For the vast majority of Somerset's history, a Championship title has been a distant dream. Even now, after a decade stuffed with near misses in all competitions, players and supporters are unwilling to imagine success for fear of the pain that disappointment can bring. They have had their fill of that.
But, with a battling line-up stuffed with class and experience and a bowling line-up that has a blend of youth and experience that seems to be combining nicely, confidence is rising at the club. Somerset lack neither investment nor ambition - few clubs have a higher salary bill - and Alviro Petersen will be replaced by an overseas batsman, almost certainly a South African, while he is away on international duty. An announcement is expected shortly.
While Thomas puts his sustained performance down to a large stock of anti-inflammatory pain killers - "I'll have to stock up," he said with a smile afterwards - and an ice machine that he applies to his back, shoulders, ankles and knees every day - "Just don't tell my wife how much it cost, she'd kill me" - he considers the defining moment of his career, the time in the winter of 2007-08 when Brian Rose persuaded him to join Somerset. While Rose moved on from his position as director of cricket at the end of 2012 his influence remains on the club he served so well for so long.
And while Thomas admits he considered retiring from red-ball cricket before the season - "It was the shoulder, then it was the back, and you lie in bed at night and think 'Is this the end?'" - he has plenty to play on for now.

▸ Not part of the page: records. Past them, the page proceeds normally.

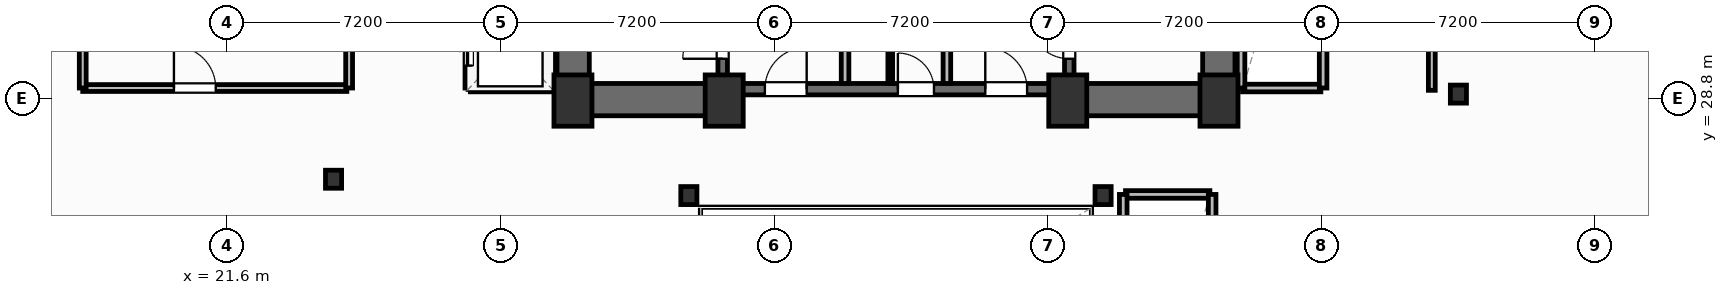
"""IFC4 building model, lengths in metres.
Left out: names, types, materials, properties, quantities, classifications, styles, units other than length and angle.
Written with IfcOpenShell. Run it as: python <this file> out.ifc"""

import sys

from ifc_helpers import new_model, si_unit, direction, frame, frame_2d, origin, origin_2d, place, context, subcontext, project, spatial, rectangle, i_section, extrude, element, fill, save


model = new_model("IFC4")
c1 = context("Model", 3, precision=1e-05, world=origin(), true_north=direction((0.0, 1.0)))
c2 = subcontext(c1, "Body", "Model", "MODEL_VIEW")
j1 = project(units=[si_unit("LENGTHUNIT", "METRE"), si_unit("PLANEANGLEUNIT", "RADIAN")], contexts=[c1])
p1 = place(None, origin())
s1 = spatial("IfcSite", under=j1, at=p1, CompositionType="ELEMENT")
p2 = place(p1, origin())
s2 = spatial("IfcBuilding", under=s1, at=p2, CompositionType="ELEMENT")
p3 = place(p2, frame((0.0, 0.0, 71.4)))
s3 = spatial("IfcBuildingStorey", under=s2, at=p3, CompositionType="ELEMENT", Elevation=71.4)
for number, where, z_axis, x_axis in (
    (1, (30.7, 28.75, 0.0), (0.0, 0.0, 1.0), (1.0, 0.0, 0.0)),
    (2, (34.68, 28.75, 0.0), (0.0, 0.0, 1.0), (1.0, 0.0, 0.0)),
    (3, (43.72, 28.75, 0.0), (0.0, 0.0, 1.0), (1.0, 0.0, 0.0)),
    (4, (47.7, 28.75, 0.0), (0.0, 0.0, 1.0), (1.0, 0.0, 0.0)),
):
    element("IfcColumn", number, at=place(p3, frame(where, z_axis=z_axis, x_axis=x_axis)), inside=s3, PredefinedType="COLUMN", context=c2, shape_type="SweptSolid", body=[
        extrude(rectangle(XDim=1.0, YDim=1.35, at=origin_2d()), origin(), (0.0, 0.0, 1.0), 4.8),
    ])
for number, where, z_axis, x_axis in (
    (5, (33.75, 26.25, 0.0), (0.0, 0.0, 1.0), (1.0, 0.0, 0.0)),
    (6, (44.65, 26.25, 0.0), (0.0, 0.0, 1.0), (1.0, 0.0, 0.0)),
    (7, (24.4, 26.68, 0.0), (0.0, 0.0, 1.0), (1.0, 0.0, 0.0)),
    (8, (54.0, 28.92, 0.0), (0.0, 0.0, 1.0), (1.0, 0.0, 0.0)),
):
    element("IfcColumn", number, at=place(p3, frame(where, z_axis=z_axis, x_axis=x_axis)), inside=s3, PredefinedType="COLUMN", context=c2, shape_type="SweptSolid", body=[
        extrude(i_section(OverallWidth=0.424, OverallDepth=0.474, WebThickness=0.048, FlangeThickness=0.077, FilletRadius=0.025, at=origin_2d()), origin(), (0.0, 0.0, 1.0), 4.8),
    ])
for number, where, z_axis, x_axis in (
    (9, (30.705, 29.2, 0.0), (0.0, 0.0, 1.0), (0.0, 1.0, 0.0)),
    (10, (47.695, 29.2, 0.0), (0.0, 0.0, 1.0), (0.0, 1.0, 0.0)),
):
    element("IfcWall", number, at=place(p3, frame(where, z_axis=z_axis, x_axis=x_axis)), inside=s3, PredefinedType="SHEAR", context=c2, shape_type="SweptSolid", body=[
        extrude(rectangle(XDim=9.22, YDim=0.85, at=frame_2d((4.61, 0.0))), origin(), (0.0, 0.0, 1.0), 4.55),
    ])
for number, where, z_axis, x_axis in (
    (11, (30.28, 28.775, 0.0), (0.0, 0.0, 1.0), (1.0, 0.0, 0.0)),
    (12, (43.6, 28.775, 0.0), (0.0, 0.0, 1.0), (1.0, 0.0, 0.0)),
):
    element("IfcWall", number, at=place(p3, frame(where, z_axis=z_axis, x_axis=x_axis)), inside=s3, PredefinedType="SHEAR", context=c2, shape_type="SweptSolid", body=[
        extrude(rectangle(XDim=4.52, YDim=0.85, at=frame_2d((2.26, 0.0))), origin(), (0.0, 0.0, 1.0), 4.55),
    ])
p4 = place(p3, frame((34.8, 29.05, 0.0), z_axis=(0.0, 0.0, 1.0), x_axis=(1.0, 0.0, 0.0)))
e13 = element("IfcWall", 13, at=p4, inside=s3, PredefinedType="SHEAR", context=c2, shape_type="SweptSolid", body=[
    extrude(rectangle(XDim=8.8, YDim=0.3, at=frame_2d((4.4, 0.0))), origin(), (0.0, 0.0, 1.0), 4.55),
])
p5 = place(p4, frame((0.95, 0.0, 0.0)))
e14 = element("IfcOpeningElement", 14, at=p5, cuts=e13, PredefinedType="OPENING", context=c2, shape_type="SweptSolid", body=[
    extrude(rectangle(XDim=1.1, YDim=2.15, at=frame_2d((0.55, 1.075))), frame((0.0, 0.16, 0.0), z_axis=(0.0, -1.0, 0.0), x_axis=(1.0, 0.0, 0.0)), (0.0, 0.0, 1.0), 0.32),
])
p6 = place(p4, frame((6.75, 0.0, 0.0)))
e15 = element("IfcOpeningElement", 15, at=p6, cuts=e13, PredefinedType="OPENING", context=c2, shape_type="SweptSolid", body=[
    extrude(rectangle(XDim=1.1, YDim=2.15, at=frame_2d((0.55, 1.075))), frame((0.0, 0.16, 0.0), z_axis=(0.0, -1.0, 0.0), x_axis=(1.0, 0.0, 0.0)), (0.0, 0.0, 1.0), 0.32),
])
p7 = place(p4, frame((4.45, 0.0, 0.0)))
e16 = element("IfcOpeningElement", 16, at=p7, cuts=e13, PredefinedType="OPENING", context=c2, shape_type="SweptSolid", body=[
    extrude(rectangle(XDim=0.95, YDim=2.15, at=frame_2d((0.475, 1.075))), frame((0.0, 0.16, 0.0), z_axis=(0.0, -1.0, 0.0), x_axis=(1.0, 0.0, 0.0)), (0.0, 0.0, 1.0), 0.32),
])
p8 = place(p3, frame((34.64, 29.2, 0.0), z_axis=(0.0, 0.0, 1.0), x_axis=(0.0, 1.0, 0.0)))
e17 = element("IfcWall", 17, at=p8, inside=s3, PredefinedType="SHEAR", context=c2, shape_type="SweptSolid", body=[
    extrude(rectangle(XDim=9.22, YDim=0.25, at=frame_2d((4.61, 0.0))), origin(), (0.0, 0.0, 1.0), 4.55),
])
p9 = place(p8, frame((0.65, 0.0, 0.0)))
e18 = element("IfcOpeningElement", 18, at=p9, cuts=e17, PredefinedType="OPENING", context=c2, shape_type="SweptSolid", body=[
    extrude(rectangle(XDim=1.05, YDim=2.15, at=frame_2d((0.525, 1.075))), frame((0.0, 0.135, 0.0), z_axis=(0.0, -1.0, 0.0), x_axis=(1.0, 0.0, 0.0)), (0.0, 0.0, 1.0), 0.27),
])
p10 = place(p3, frame((43.76, 29.2, 0.0), z_axis=(0.0, 0.0, 1.0), x_axis=(0.0, 1.0, 0.0)))
e19 = element("IfcWall", 19, at=p10, inside=s3, PredefinedType="SHEAR", context=c2, shape_type="SweptSolid", body=[
    extrude(rectangle(XDim=9.22, YDim=0.25, at=frame_2d((4.61, 0.0))), origin(), (0.0, 0.0, 1.0), 4.55),
])
p11 = place(p10, frame((0.65, 0.0, 0.0)))
e20 = element("IfcOpeningElement", 20, at=p11, cuts=e19, PredefinedType="OPENING", context=c2, shape_type="SweptSolid", body=[
    extrude(rectangle(XDim=1.05, YDim=2.15, at=frame_2d((0.525, 1.075))), frame((0.0, 0.135, 0.0), z_axis=(0.0, -1.0, 0.0), x_axis=(1.0, 0.0, 0.0)), (0.0, 0.0, 1.0), 0.27),
])
p12 = place(p3, frame((17.8, 29.08, 0.0), z_axis=(0.0, 0.0, 1.0), x_axis=(1.0, 0.0, 0.0)))
e21 = element("IfcWall", 21, at=p12, inside=s3, PredefinedType="PARTITIONING", context=c2, shape_type="SweptSolid", body=[
    extrude(rectangle(XDim=6.95, YDim=0.18, at=frame_2d((3.475, 0.0))), origin(), (0.0, 0.0, 1.0), 4.55),
])
p13 = place(p12, frame((2.4, 0.0, 0.0)))
e22 = element("IfcOpeningElement", 22, at=p13, cuts=e21, PredefinedType="OPENING", context=c2, shape_type="SweptSolid", body=[
    extrude(rectangle(XDim=1.1, YDim=2.15, at=frame_2d((0.55, 1.075))), frame((0.0, 0.1, 0.0), z_axis=(0.0, -1.0, 0.0), x_axis=(1.0, 0.0, 0.0)), (0.0, 0.0, 1.0), 0.2),
])
p14 = place(p3, frame((17.8, 29.08, 0.0), z_axis=(0.0, 0.0, 1.0), x_axis=(0.0, 1.0, 0.0)))
e23 = element("IfcWall", 23, at=p14, inside=s3, PredefinedType="PARTITIONING", context=c2, shape_type="SweptSolid", body=[
    extrude(rectangle(XDim=7.6, YDim=0.18, at=frame_2d((3.8, 0.0))), origin(), (0.0, 0.0, 1.0), 4.55),
])
p15 = place(p3, frame((24.81, 29.08, 0.0), z_axis=(0.0, 0.0, 1.0), x_axis=(0.0, 1.0, 0.0)))
e24 = element("IfcWall", 24, at=p15, inside=s3, PredefinedType="PARTITIONING", context=c2, shape_type="SweptSolid", body=[
    extrude(rectangle(XDim=7.6, YDim=0.18, at=frame_2d((3.8, 0.0))), origin(), (0.0, 0.0, 1.0), 4.55),
])
p16 = place(p15, frame((5.8, 0.0, 0.0)))
e25 = element("IfcOpeningElement", 25, at=p16, cuts=e24, PredefinedType="OPENING", context=c2, shape_type="SweptSolid", body=[
    extrude(rectangle(XDim=1.1, YDim=2.15, at=frame_2d((0.55, 1.075))), frame((0.0, 0.1, 0.0), z_axis=(0.0, -1.0, 0.0), x_axis=(1.0, 0.0, 0.0)), (0.0, 0.0, 1.0), 0.2),
])
p17 = place(p3, frame((53.3, 29.02, 0.0), z_axis=(0.0, 0.0, 1.0), x_axis=(0.0, 1.0, 0.0)))
e26 = element("IfcWall", 26, at=p17, inside=s3, PredefinedType="PARTITIONING", context=c2, shape_type="SweptSolid", body=[
    extrude(rectangle(XDim=10.28, YDim=0.18, at=frame_2d((5.14, 0.0))), origin(), (0.0, 0.0, 1.0), 4.55),
])
for number, where, z_axis, x_axis in (
    (27, (37.86, 29.2, 0.0), (0.0, 0.0, 1.0), (0.0, 1.0, 0.0)),
    (28, (40.54, 29.2, 0.0), (0.0, 0.0, 1.0), (0.0, 1.0, 0.0)),
):
    element("IfcWall", number, at=place(p3, frame(where, z_axis=z_axis, x_axis=x_axis)), inside=s3, PredefinedType="PARTITIONING", context=c2, shape_type="SweptSolid", body=[
        extrude(rectangle(XDim=5.18, YDim=0.2, at=frame_2d((2.59, 0.0))), origin(), (0.0, 0.0, 1.0), 4.55),
    ])
p18 = place(p3, frame((39.05, 29.2, 0.0), z_axis=(0.0, 0.0, 1.0), x_axis=(0.0, 1.0, 0.0)))
e29 = element("IfcWall", 29, at=p18, inside=s3, PredefinedType="PARTITIONING", context=c2, shape_type="SweptSolid", body=[
    extrude(rectangle(XDim=5.22, YDim=0.125, at=frame_2d((2.61, 0.0))), origin(), (0.0, 0.0, 1.0), 4.55),
])
p19 = place(p18, frame((2.05, 0.0, 0.0)))
e30 = element("IfcOpeningElement", 30, at=p19, cuts=e29, PredefinedType="OPENING", context=c2, shape_type="SweptSolid", body=[
    extrude(rectangle(XDim=0.85, YDim=2.05, at=frame_2d((0.425, 1.025))), frame((0.0, 0.073, 0.0), z_axis=(0.0, -1.0, 0.0), x_axis=(1.0, 0.0, 0.0)), (0.0, 0.0, 1.0), 0.145),
])
p20 = place(p3, frame((28.0, 29.08, 0.0), z_axis=(0.0, 0.0, 1.0), x_axis=(1.0, 0.0, 0.0)))
e31 = element("IfcWall", 31, at=p20, inside=s3, PredefinedType="PARTITIONING", context=c2, shape_type="SweptSolid", body=[
    extrude(rectangle(XDim=2.1, YDim=0.2, at=frame_2d((1.05, 0.0))), origin(), (0.0, 0.0, 1.0), 4.55),
])
p21 = place(p3, frame((30.12, 29.08, 0.0), z_axis=(0.0, 0.0, 1.0), x_axis=(0.0, 1.0, 0.0)))
e32 = element("IfcWall", 32, at=p21, inside=s3, PredefinedType="PARTITIONING", context=c2, shape_type="SweptSolid", body=[
    extrude(rectangle(XDim=6.89, YDim=0.2, at=frame_2d((3.445, 0.0))), origin(), (0.0, 0.0, 1.0), 4.55),
])
p22 = place(p3, frame((27.96, 29.08, 0.0), z_axis=(0.0, 0.0, 1.0), x_axis=(0.0, 1.0, 0.0)))
e33 = element("IfcWall", 33, at=p22, inside=s3, PredefinedType="PARTITIONING", context=c2, shape_type="SweptSolid", body=[
    extrude(rectangle(XDim=6.89, YDim=0.2, at=frame_2d((3.445, 0.0))), origin(), (0.0, 0.0, 1.0), 4.55),
])
p23 = place(p22, frame((0.59, 0.0, 0.0)))
e34 = element("IfcOpeningElement", 34, at=p23, cuts=e33, PredefinedType="OPENING", context=c2, shape_type="SweptSolid", body=[
    extrude(rectangle(XDim=1.1, YDim=2.15, at=frame_2d((0.55, 1.075))), frame((0.0, 0.11, 0.0), z_axis=(0.0, -1.0, 0.0), x_axis=(1.0, 0.0, 0.0)), (0.0, 0.0, 1.0), 0.22),
])
p24 = place(p22, frame((2.89, 0.0, 0.0)))
e35 = element("IfcOpeningElement", 35, at=p24, cuts=e33, PredefinedType="OPENING", context=c2, shape_type="SweptSolid", body=[
    extrude(rectangle(XDim=1.1, YDim=2.15, at=frame_2d((0.55, 1.075))), frame((0.0, 0.11, 0.0), z_axis=(0.0, -1.0, 0.0), x_axis=(1.0, 0.0, 0.0)), (0.0, 0.0, 1.0), 0.22),
])
p25 = place(p22, frame((5.19, 0.0, 0.0)))
e36 = element("IfcOpeningElement", 36, at=p25, cuts=e33, PredefinedType="OPENING", context=c2, shape_type="SweptSolid", body=[
    extrude(rectangle(XDim=1.1, YDim=2.15, at=frame_2d((0.55, 1.075))), frame((0.0, 0.11, 0.0), z_axis=(0.0, -1.0, 0.0), x_axis=(1.0, 0.0, 0.0)), (0.0, 0.0, 1.0), 0.22),
])
p26 = place(p3, frame((48.32, 29.08, 0.0), z_axis=(0.0, 0.0, 1.0), x_axis=(1.0, 0.0, 0.0)))
e37 = element("IfcWall", 37, at=p26, inside=s3, PredefinedType="PARTITIONING", context=c2, shape_type="SweptSolid", body=[
    extrude(rectangle(XDim=2.06, YDim=0.2, at=frame_2d((1.03, 0.0))), origin(), (0.0, 0.0, 1.0), 3.762),
])
for number, where, z_axis, x_axis in (
    (38, (48.28, 29.08, 0.0), (0.0, 0.0, 1.0), (0.0, 1.0, 0.0)),
    (39, (50.44, 29.08, 0.0), (0.0, 0.0, 1.0), (0.0, 1.0, 0.0)),
):
    element("IfcWall", number, at=place(p3, frame(where, z_axis=z_axis, x_axis=x_axis)), inside=s3, PredefinedType="PARTITIONING", context=c2, shape_type="SweptSolid", body=[
        extrude(rectangle(XDim=6.89, YDim=0.2, at=frame_2d((3.445, 0.0))), origin(), (0.0, 0.0, 1.0), 4.55),
    ])
p27 = place(p3, frame((45.24, 26.28, 0.0), z_axis=(0.0, 0.0, 1.0), x_axis=(1.0, 0.0, 0.0)))
e40 = element("IfcWall", 40, at=p27, inside=s3, PredefinedType="PARTITIONING", context=c2, shape_type="SweptSolid", body=[
    extrude(rectangle(XDim=2.22, YDim=0.2, at=frame_2d((1.11, 0.0))), origin(), (0.0, 0.0, 1.0), 4.55),
])
for number, where, z_axis, x_axis in (
    (41, (45.18, 19.38, 0.0), (0.0, 0.0, 1.0), (0.0, 1.0, 0.0)),
    (42, (47.52, 19.38, 0.0), (0.0, 0.0, 1.0), (0.0, 1.0, 0.0)),
):
    element("IfcWall", number, at=place(p3, frame(where, z_axis=z_axis, x_axis=x_axis)), inside=s3, PredefinedType="PARTITIONING", context=c2, shape_type="SweptSolid", body=[
        extrude(rectangle(XDim=6.9, YDim=0.2, at=frame_2d((3.45, 0.0))), origin(), (0.0, 0.0, 1.0), 4.55),
    ])
p28 = place(p13, origin())
e43 = element("IfcDoor", 43, at=p28, inside=s3, OperationType="SINGLE_SWING_LEFT", PredefinedType="DOOR", context=c2, shape_type="SweptSolid", body=[
    extrude(rectangle(XDim=1.1, YDim=2.15, at=frame_2d((0.55, 1.075))), frame((0.0, 0.025, 0.0), z_axis=(0.0, -1.0, 0.0), x_axis=(1.0, 0.0, 0.0)), (0.0, 0.0, 1.0), 0.05),
])
fill(e22, e43)
p29 = place(p9, origin())
e44 = element("IfcDoor", 44, at=p29, inside=s3, OperationType="SINGLE_SWING_LEFT", PredefinedType="DOOR", context=c2, shape_type="SweptSolid", body=[
    extrude(rectangle(XDim=1.05, YDim=2.15, at=frame_2d((0.525, 1.075))), frame((0.0, 0.025, 0.0), z_axis=(0.0, -1.0, 0.0), x_axis=(1.0, 0.0, 0.0)), (0.0, 0.0, 1.0), 0.05),
])
fill(e18, e44)
p30 = place(p11, origin())
e45 = element("IfcDoor", 45, at=p30, inside=s3, OperationType="SINGLE_SWING_RIGHT", PredefinedType="DOOR", context=c2, shape_type="SweptSolid", body=[
    extrude(rectangle(XDim=1.05, YDim=2.15, at=frame_2d((0.525, 1.075))), frame((0.0, 0.025, 0.0), z_axis=(0.0, -1.0, 0.0), x_axis=(1.0, 0.0, 0.0)), (0.0, 0.0, 1.0), 0.05),
])
fill(e20, e45)
p31 = place(p5, origin())
e46 = element("IfcDoor", 46, at=p31, inside=s3, OperationType="SINGLE_SWING_RIGHT", PredefinedType="DOOR", context=c2, shape_type="SweptSolid", body=[
    extrude(rectangle(XDim=1.1, YDim=2.15, at=frame_2d((0.55, 1.075))), frame((0.0, 0.025, 0.0), z_axis=(0.0, -1.0, 0.0), x_axis=(1.0, 0.0, 0.0)), (0.0, 0.0, 1.0), 0.05),
])
fill(e14, e46)
p32 = place(p6, origin())
e47 = element("IfcDoor", 47, at=p32, inside=s3, OperationType="SINGLE_SWING_LEFT", PredefinedType="DOOR", context=c2, shape_type="SweptSolid", body=[
    extrude(rectangle(XDim=1.1, YDim=2.15, at=frame_2d((0.55, 1.075))), frame((0.0, 0.025, 0.0), z_axis=(0.0, -1.0, 0.0), x_axis=(1.0, 0.0, 0.0)), (0.0, 0.0, 1.0), 0.05),
])
fill(e15, e47)
p33 = place(p7, origin())
e48 = element("IfcDoor", 48, at=p33, inside=s3, OperationType="SINGLE_SWING_LEFT", PredefinedType="DOOR", context=c2, shape_type="SweptSolid", body=[
    extrude(rectangle(XDim=0.95, YDim=2.15, at=frame_2d((0.475, 1.075))), frame((0.0, 0.025, 0.0), z_axis=(0.0, -1.0, 0.0), x_axis=(1.0, 0.0, 0.0)), (0.0, 0.0, 1.0), 0.05),
])
fill(e16, e48)
p34 = place(p23, origin())
e49 = element("IfcDoor", 49, at=p34, inside=s3, OperationType="SLIDING_TO_LEFT", PredefinedType="DOOR", context=c2, shape_type="SweptSolid", body=[
    extrude(rectangle(XDim=1.1, YDim=2.15, at=frame_2d((0.55, 1.075))), frame((0.0, 0.025, 0.0), z_axis=(0.0, -1.0, 0.0), x_axis=(1.0, 0.0, 0.0)), (0.0, 0.0, 1.0), 0.05),
])
fill(e34, e49)
save(model, sys.argv[1])

"This could be the year," Thomas said. "I'm starting to believe. Taunton is home now for me and my family don't want to go anywhere.
"That was the first hat-trick of my professional career and has to be right up with the highlights. But yes, the turning point of my career came when a man called Brian Rose showed belief in me. I love Somerset."
If Somerset do win the Championship - and a final game away against Yorkshire already looks tantalising - it would be a popular success for most cricket lovers simply due to the affection in which Marcus Trescothick is held. No-one symbolises the spirit of Somerset more than Trescothick.
While his powers as a batsman may be dimming and he will undergo a scan on his groin after pulling up sharply while batting in the second innings, there is a sense that, after an excellent career touched by sadness, he deserves the success that has eluded him and every Somerset cricketer before him.
And if you needed one moment to sum up Trescothick's commitment, his desire, his selflessness and his humility, it is the sight of him, over after over, perched under the helmet at short leg. "Someone has to do it," he says matter of factly. Not many 38-year-old captains would take such a view.
For Sussex this was a worrying performance. They look over-reliant upon a couple of key individuals - Joyce with the bat and Steve Magoffin with the ball - and, with England calls biting hard, appear to lack depth in their squad. Such is the absence of a quality spin bowler - though Will Beer bowled better in the second innings - that Ashar Zaidi looks set to be recalled.
To rub salt in the wound, Sussex also learned that they will be without Michael Yardy for another six to eight weeks after it emerged that he is to undergo surgery on his bicep injury. With Matt Prior and Chris Jordan also likely to be absent for long periods on England duty, it leaves Sussex scouring the loan market for possible reinforcements.